Dress appropriately, meaning professionally but not what
used to be called “power dressing.”Your goal is to make the
other person feel relaxed and comfortable, not intimidated
or even much impressed. Dazzle ’em with your mind and
your writing, not your fashion sense, especially if you are a
woman. Keep the transaction professional.
In an academic or computer-lab setting, professional attire
may be very informal indeed—for the natives. As a visitor,
your style of informality needs to stay respectful. For men, a
tie and sports jacket (even if both are later taken off) will not
hurt. For women, the specifics of “appropriate” vary wildly
over time: do the right thing.
Having taken care of all important trivia, you can now
begin the interview with no need to think about yourself.
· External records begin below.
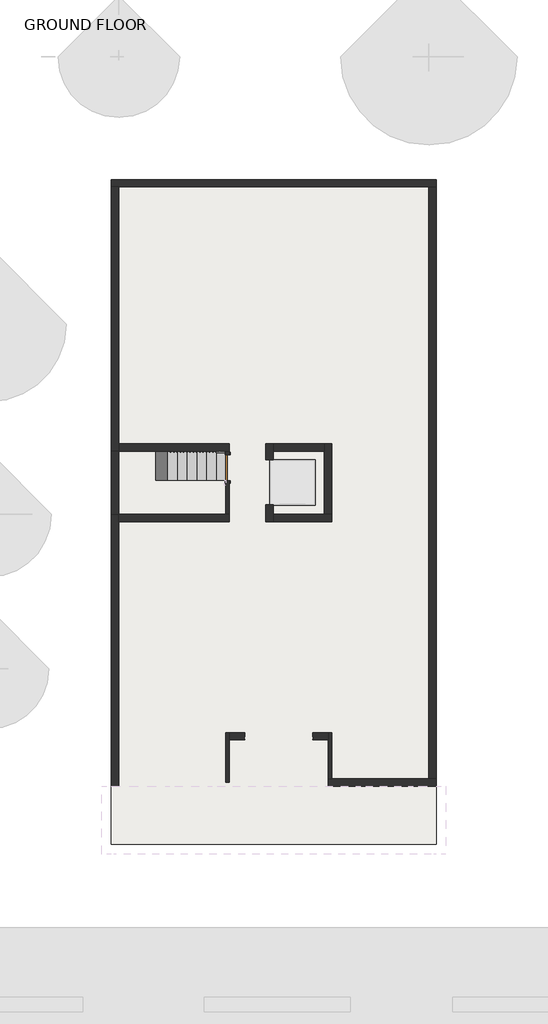
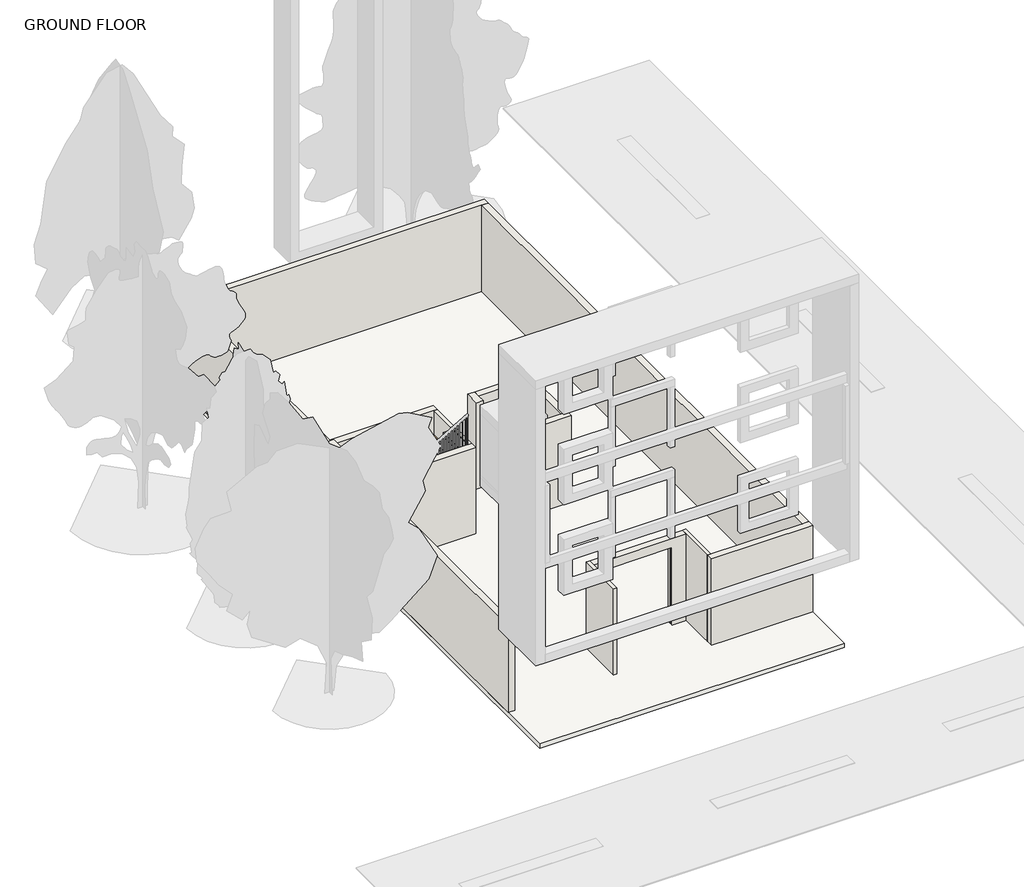
# One storey, part 1 of 2: 18 walls, 1 door, 1 slab, 1 stair flight.
"""IFC4 building model written with IfcOpenShell, lengths in millimetres."""

from ifc_helpers import new_model, si_unit, frame, origin, origin_with_axes, place, context, project, spatial, polyline, outline, extrude, faceted_brep, transform, mapped, element, save
from components import door_d141acb4

model = new_model("IFC4")

# Units and contexts
model_context = context("Model", 3, world=origin())
ifc_project = project(units=[si_unit("LENGTHUNIT", "METRE", prefix="MILLI")], contexts=[model_context])

# Site, building, storey
site = spatial("IfcSite", under=ifc_project)
building = spatial("IfcBuilding", under=site)
storey = spatial("IfcBuildingStorey", under=building, Name="GROUND FLOOR", Elevation=0.0)

# Door
placement = place(None, origin())
door_shape = door_d141acb4(model_context)
element("IfcDoor", 1, ObjectType="Single-Flush : 2'8\"X7'", at=placement, inside=storey, context=model_context, shape_type="MappedRepresentation", body=[
    mapped(door_shape, transform((-2719.6789041, 1029.1153263, 0.0), x_axis=(0.0, 1.0, 0.0), y_axis=(-1.0, 0.0, 0.0), z_axis=(0.0, 0.0, 1.0))),
])

# Slab
element("IfcSlab", 2, ObjectType="6\"", at=placement, inside=storey, context=model_context, shape_type="SweptSolid", body=[
    extrude(outline(polyline([(3814.4710959, 10058.8153263), (3814.4710959, -10769.1846737), (-6358.2289041, -10769.1846737), (-6358.2289041, 10058.8153263), (3814.4710959, 10058.8153263)])), frame((0.0, 0.0, -152.4), z_axis=(0.0, 0.0, 1.0), x_axis=(1.0, 0.0, 0.0)), (0.0, 0.0, 1.0), 152.4),
])

# Stair flight
element("IfcStairFlight", 3, ObjectType="3/4\" Nosing", at=placement, inside=storey, context=model_context, shape_type="Brep", body=[
    faceted_brep([(-2776.8289041, 635.4153263, 177.8), (-2776.8289041, 1549.8153263, 177.8), (-3100.6789041, 1549.8153263, 177.8), (-3100.6789041, 635.4153263, 177.8), (-3100.6789041, 635.4153263, 104.2858172), (-2921.9032174, 635.4153263, 0.0), (-2795.8789041, 635.4153263, 0.0), (-2795.8789041, 1549.8153263, 0.0), (-2921.9032174, 1549.8153263, 0.0), (-3100.6789041, 1549.8153263, 104.2858172), (-3081.6289041, 635.4153263, 355.6), (-3081.6289041, 1549.8153263, 355.6), (-3405.4789041, 1549.8153263, 355.6), (-3405.4789041, 635.4153263, 355.6), (-3405.4789041, 635.4153263, 282.0858172), (-3405.4789041, 1549.8153263, 282.0858172), (-3386.4289041, 635.4153263, 533.4), (-3386.4289041, 1549.8153263, 533.4), (-3710.2789041, 1549.8153263, 533.4), (-3710.2789041, 635.4153263, 533.4), (-3710.2789041, 635.4153263, 459.8858172), (-3710.2789041, 1549.8153263, 459.8858172), (-3691.2289041, 635.4153263, 711.2), (-3691.2289041, 1549.8153263, 711.2), (-4015.0789041, 1549.8153263, 711.2), (-4015.0789041, 635.4153263, 711.2), (-4015.0789041, 635.4153263, 637.6858172), (-4015.0789041, 1549.8153263, 637.6858172), (-3996.0289041, 635.4153263, 889.0), (-3996.0289041, 1549.8153263, 889.0), (-4319.8789041, 1549.8153263, 889.0), (-4319.8789041, 635.4153263, 889.0), (-4300.8289041, 635.4153263, 1066.8), (-4624.6789041, 635.4153263, 1066.8), (-4605.6289041, 635.4153263, 1244.6), (-4929.4789041, 635.4153263, 1244.6), (-4910.4289041, 635.4153263, 1422.4), (-5234.2789041, 635.4153263, 1422.4), (-5222.0324755, 635.4153263, 1536.7), (-5556.2460745, 635.4153263, 1536.7), (-4319.8789041, 1549.8153263, 815.4858172), (-4300.8289041, 1549.8153263, 1066.8), (-4624.6789041, 1549.8153263, 1066.8), (-4624.6789041, 1549.8153263, 993.2858172), (-4605.6289041, 1549.8153263, 1244.6), (-4929.4789041, 1549.8153263, 1244.6), (-4929.4789041, 1549.8153263, 1171.0858172), (-4910.4289041, 1549.8153263, 1422.4), (-5234.2789041, 1549.8153263, 1422.4), (-5234.2789041, 1549.8153263, 1348.8858172), (-5070.1545907, 483.0153263, 1600.2), (-2776.8289041, 483.0153263, 1600.2), (-2776.8289041, 635.4153263, 1600.2), (-3836.3032174, 635.4153263, 1600.2), (-5215.2289041, 635.4153263, 1600.2), (-5215.2289041, 1549.8153263, 1600.2), (-5556.2460745, 1549.8153263, 1600.2), (-6129.6289041, 1549.8153263, 1600.2), (-6129.6289041, -431.3846737, 1600.2), (-5196.1789041, -431.3846737, 1600.2), (-5196.1789041, 483.0153263, 1600.2), (-5179.0117336, 483.0153263, 1536.7), (-2776.8289041, 483.0153263, 1536.7), (-2776.8289041, 635.4153263, 1536.7), (-3727.4460745, 635.4153263, 1536.7), (-5556.2460745, 1549.8153263, 1536.7), (-6129.6289041, 1549.8153263, 1536.7), (-6129.6289041, -431.3846737, 1536.7), (-5196.1789041, -431.3846737, 1536.7), (-5215.2289041, 483.0153263, 1778.0), (-5215.2289041, -431.3846737, 1778.0), (-5179.0117336, -431.3846737, 1778.0), (-4891.3789041, -431.3846737, 1778.0), (-4891.3789041, 483.0153263, 1778.0), (-4891.3789041, 483.0153263, 1704.4858172), (-5179.0117336, -431.3846737, 1536.7), (-4891.3789041, -431.3846737, 1704.4858172), (-4910.4289041, 483.0153263, 1955.8), (-4910.4289041, -431.3846737, 1955.8), (-4586.5789041, -431.3846737, 1955.8), (-4586.5789041, 483.0153263, 1955.8), (-4586.5789041, 483.0153263, 1882.2858172), (-4586.5789041, -431.3846737, 1882.2858172), (-4605.6289041, 483.0153263, 2133.6), (-4605.6289041, -431.3846737, 2133.6), (-4281.7789041, -431.3846737, 2133.6), (-4281.7789041, 483.0153263, 2133.6), (-4281.7789041, 483.0153263, 2070.1), (-4281.7789041, 483.0153263, 2060.0858172), (-4598.8253326, 483.0153263, 2070.1), (-4281.7789041, -431.3846737, 2060.0858172), (-4300.8289041, 483.0153263, 2311.4), (-4300.8289041, -431.3846737, 2311.4), (-3976.9789041, -431.3846737, 2311.4), (-3976.9789041, 483.0153263, 2311.4), (-3976.9789041, 483.0153263, 2237.8858172), (-4264.6117336, 483.0153263, 2070.1), (-3976.9789041, -431.3846737, 2237.8858172), (-3996.0289041, 483.0153263, 2489.2), (-3996.0289041, -431.3846737, 2489.2), (-3672.1789041, -431.3846737, 2489.2), (-3672.1789041, 483.0153263, 2489.2), (-3672.1789041, 483.0153263, 2415.6858172), (-3672.1789041, -431.3846737, 2415.6858172), (-3691.2289041, 483.0153263, 2667.0), (-3691.2289041, -431.3846737, 2667.0), (-3367.3789041, -431.3846737, 2667.0), (-3367.3789041, 483.0153263, 2667.0), (-3367.3789041, 483.0153263, 2593.4858172), (-3367.3789041, -431.3846737, 2593.4858172), (-3386.4289041, 483.0153263, 2844.8), (-3386.4289041, -431.3846737, 2844.8), (-3062.5789041, -431.3846737, 2844.8), (-3062.5789041, 483.0153263, 2844.8), (-3062.5789041, 483.0153263, 2771.2858172), (-3062.5789041, -431.3846737, 2771.2858172), (-3081.6289041, 483.0153263, 3022.6), (-3081.6289041, -431.3846737, 3022.6), (-2776.8289041, -431.3846737, 3022.6), (-2776.8289041, 483.0153263, 3022.6), (-2776.8289041, 483.0153263, 2937.9733172), (-2776.8289041, -431.3846737, 2937.9733172)], [[[0, 1, 2, 3]], [[0, 3, 4, 5, 6]], [[2, 1, 7, 8, 9]], [[10, 11, 12, 13]], [[10, 13, 14, 4, 3]], [[12, 11, 2, 9, 15]], [[16, 17, 18, 19]], [[16, 19, 20, 14, 13]], [[18, 17, 12, 15, 21]], [[22, 23, 24, 25]], [[22, 25, 26, 20, 19]], [[24, 23, 18, 21, 27]], [[28, 29, 30, 31]], [[26, 25, 28, 31, 32, 33, 34, 35, 36, 37, 38, 39]], [[30, 29, 24, 27, 40]], [[32, 41, 42, 33]], [[42, 41, 30, 40, 43]], [[34, 44, 45, 35]], [[45, 44, 42, 43, 46]], [[36, 47, 48, 37]], [[48, 47, 45, 46, 49]], [[50, 51, 52, 53, 54, 55, 56, 57, 58, 59, 60]], [[50, 61, 62, 51]], [[52, 51, 62, 63]], [[52, 63, 64, 38, 54, 53]], [[55, 48, 49, 65, 66, 57, 56]], [[58, 57, 66, 67]], [[59, 58, 67, 68]], [[69, 70, 71, 72, 73]], [[69, 73, 74, 50, 60]], [[70, 59, 68, 75, 76, 72, 71]], [[77, 78, 79, 80]], [[77, 80, 81, 74, 73]], [[79, 78, 72, 76, 82]], [[83, 84, 85, 86]], [[83, 86, 87, 88, 81, 80, 89]], [[85, 84, 79, 82, 90]], [[91, 92, 93, 94]], [[91, 94, 95, 96, 88, 87, 86]], [[93, 92, 85, 90, 97]], [[98, 99, 100, 101]], [[98, 101, 102, 95, 94]], [[100, 99, 93, 97, 103]], [[104, 105, 106, 107]], [[104, 107, 108, 102, 101]], [[106, 105, 100, 103, 109]], [[110, 111, 112, 113]], [[110, 113, 114, 108, 107]], [[112, 111, 106, 109, 115]], [[1, 0, 6, 7]], [[3, 2, 11, 10]], [[13, 12, 17, 16]], [[19, 18, 23, 22]], [[25, 24, 29, 28]], [[31, 30, 41, 32]], [[33, 42, 44, 34]], [[35, 45, 47, 36]], [[37, 48, 55, 54, 38]], [[60, 59, 70, 69]], [[73, 72, 78, 77]], [[80, 79, 84, 83, 89]], [[86, 85, 92, 91]], [[94, 93, 99, 98]], [[101, 100, 105, 104]], [[107, 106, 111, 110]], [[116, 117, 118, 119]], [[116, 119, 120, 114, 113]], [[118, 117, 112, 115, 121]], [[119, 118, 121, 120]], [[113, 112, 117, 116]], [[7, 6, 5, 8]], [[26, 39, 65, 49, 46, 43, 40, 27, 21, 15, 9, 8, 5, 4, 14, 20]], [[65, 39, 38, 64, 63, 62, 61, 75, 68, 67, 66]], [[75, 61, 50, 74, 81, 88, 96, 95, 102, 108, 114, 120, 121, 115, 109, 103, 97, 90, 82, 76]]]),
])

# Walls
element("IfcWall", 4, ObjectType="4.5\"", at=placement, inside=storey, context=model_context, shape_type="SweptSolid", body=[
    extrude(outline(polyline([(1549.8153263, 0.0), (1435.5153263, 0.0), (1435.5153263, 2133.6), (622.7153263, 2133.6), (622.7153263, 0.0), (-431.3846737, 0.0), (-431.3846737, 3048.0), (1549.8153263, 3048.0), (1549.8153263, 0.0)])), frame((-2776.8289041, 0.0, 0.0), z_axis=(1.0, 0.0, 0.0), x_axis=(0.0, 1.0, 0.0)), (0.0, 0.0, 1.0), 114.3),
])
element("IfcWall", 5, ObjectType="4.5\"", at=placement, inside=storey, context=model_context, shape_type="Brep", body=[
    faceted_brep([(-2776.8289041, -7263.9846737, 0.0), (-2776.8289041, -8826.0846737, 0.0), (-2776.8289041, -8826.0846737, 3048.0), (-2776.8289041, -7263.9846737, 3048.0), (-2662.5289041, -7263.9846737, 0.0), (-2662.5289041, -7263.9846737, 3048.0), (-2662.5289041, -7492.5846737, 3048.0), (-2662.5289041, -8826.0846737, 3048.0), (-2662.5289041, -8826.0846737, 0.0), (-2662.5289041, -7492.5846737, 0.0)], [[[0, 1, 2, 3]], [[4, 5, 6, 7, 8, 9]], [[1, 0, 4, 9, 8]], [[2, 1, 8, 7]], [[3, 2, 7, 6, 5]], [[0, 3, 5, 4]]]),
])
element("IfcWall", 6, ObjectType="4.5\"", at=placement, inside=storey, context=model_context, shape_type="Brep", body=[
    faceted_brep([(537.8710959, -8711.7846737, 0.0), (537.8710959, -7263.9846737, 0.0), (537.8710959, -7263.9846737, 3048.0), (537.8710959, -8711.7846737, 3048.0), (423.5710959, -8711.7846737, 0.0), (423.5710959, -8711.7846737, 3048.0), (423.5710959, -7492.5846737, 3048.0), (423.5710959, -7263.9846737, 3048.0), (423.5710959, -7263.9846737, 0.0), (423.5710959, -7492.5846737, 0.0)], [[[0, 1, 2, 3]], [[4, 5, 6, 7, 8, 9]], [[1, 0, 4, 9, 8]], [[3, 2, 7, 6, 5]], [[0, 3, 5, 4]], [[2, 1, 8, 7]]]),
])
element("IfcWall", 7, ObjectType="9\"", at=placement, inside=storey, context=model_context, shape_type="Brep", body=[
    faceted_brep([(-1290.9289041, -659.9846737, 0.0), (537.8710959, -659.9846737, 0.0), (537.8710959, -659.9846737, 3048.0), (-1290.9289041, -659.9846737, 3048.0), (-1290.9289041, -431.3846737, 0.0), (-1290.9289041, -431.3846737, 3048.0), (309.2710959, -431.3846737, 3048.0), (537.8710959, -431.3846737, 3048.0), (537.8710959, -431.3846737, 0.0), (309.2710959, -431.3846737, 0.0)], [[[0, 1, 2, 3]], [[4, 5, 6, 7, 8, 9]], [[1, 0, 4, 9, 8]], [[3, 2, 7, 6, 5]], [[2, 1, 8, 7]], [[0, 3, 5, 4]]]),
])
element("IfcWall", 8, ObjectType="9\"", at=placement, inside=storey, context=model_context, shape_type="Brep", body=[
    faceted_brep([(537.8710959, -431.3846737, 0.0), (537.8710959, 1778.4153263, 0.0), (537.8710959, 1778.4153263, 3048.0), (537.8710959, -431.3846737, 3048.0), (309.2710959, -431.3846737, 0.0), (309.2710959, -431.3846737, 3048.0), (309.2710959, 1549.8153263, 3048.0), (309.2710959, 1778.4153263, 3048.0), (309.2710959, 1778.4153263, 0.0), (309.2710959, 1549.8153263, 0.0)], [[[0, 1, 2, 3]], [[4, 5, 6, 7, 8, 9]], [[1, 0, 4, 9, 8]], [[3, 2, 7, 6, 5]], [[0, 3, 5, 4]], [[2, 1, 8, 7]]]),
])
element("IfcWall", 9, ObjectType="9\"", at=placement, inside=storey, context=model_context, shape_type="Brep", body=[
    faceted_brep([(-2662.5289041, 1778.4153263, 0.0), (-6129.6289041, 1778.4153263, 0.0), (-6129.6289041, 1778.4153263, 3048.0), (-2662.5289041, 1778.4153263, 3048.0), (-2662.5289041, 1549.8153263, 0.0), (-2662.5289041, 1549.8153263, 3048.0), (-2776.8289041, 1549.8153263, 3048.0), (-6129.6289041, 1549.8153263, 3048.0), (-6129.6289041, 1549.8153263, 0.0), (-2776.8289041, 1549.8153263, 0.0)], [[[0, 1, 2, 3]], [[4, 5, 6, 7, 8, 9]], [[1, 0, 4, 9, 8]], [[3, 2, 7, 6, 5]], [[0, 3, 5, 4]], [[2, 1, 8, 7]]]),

Rather, your undivided attention will be available for the
other person and the fascinating things you are about to
hear. As you walk through the door, mentally give your
troubles a kiss and skootch them over. They will wait.
Once in the room, there’s no rush to start. Allow a few
moments for the two of you to get used to being in the
same room, the process that I call “dog-sniffing.” Dogs need
to sniff each other, and people need to ask whether you had
trouble finding the building, is it still snowing, where
should we put the tape recorder, do you want any coffee?
It’s all dog-sniffing, two to three minutes of adjustment time.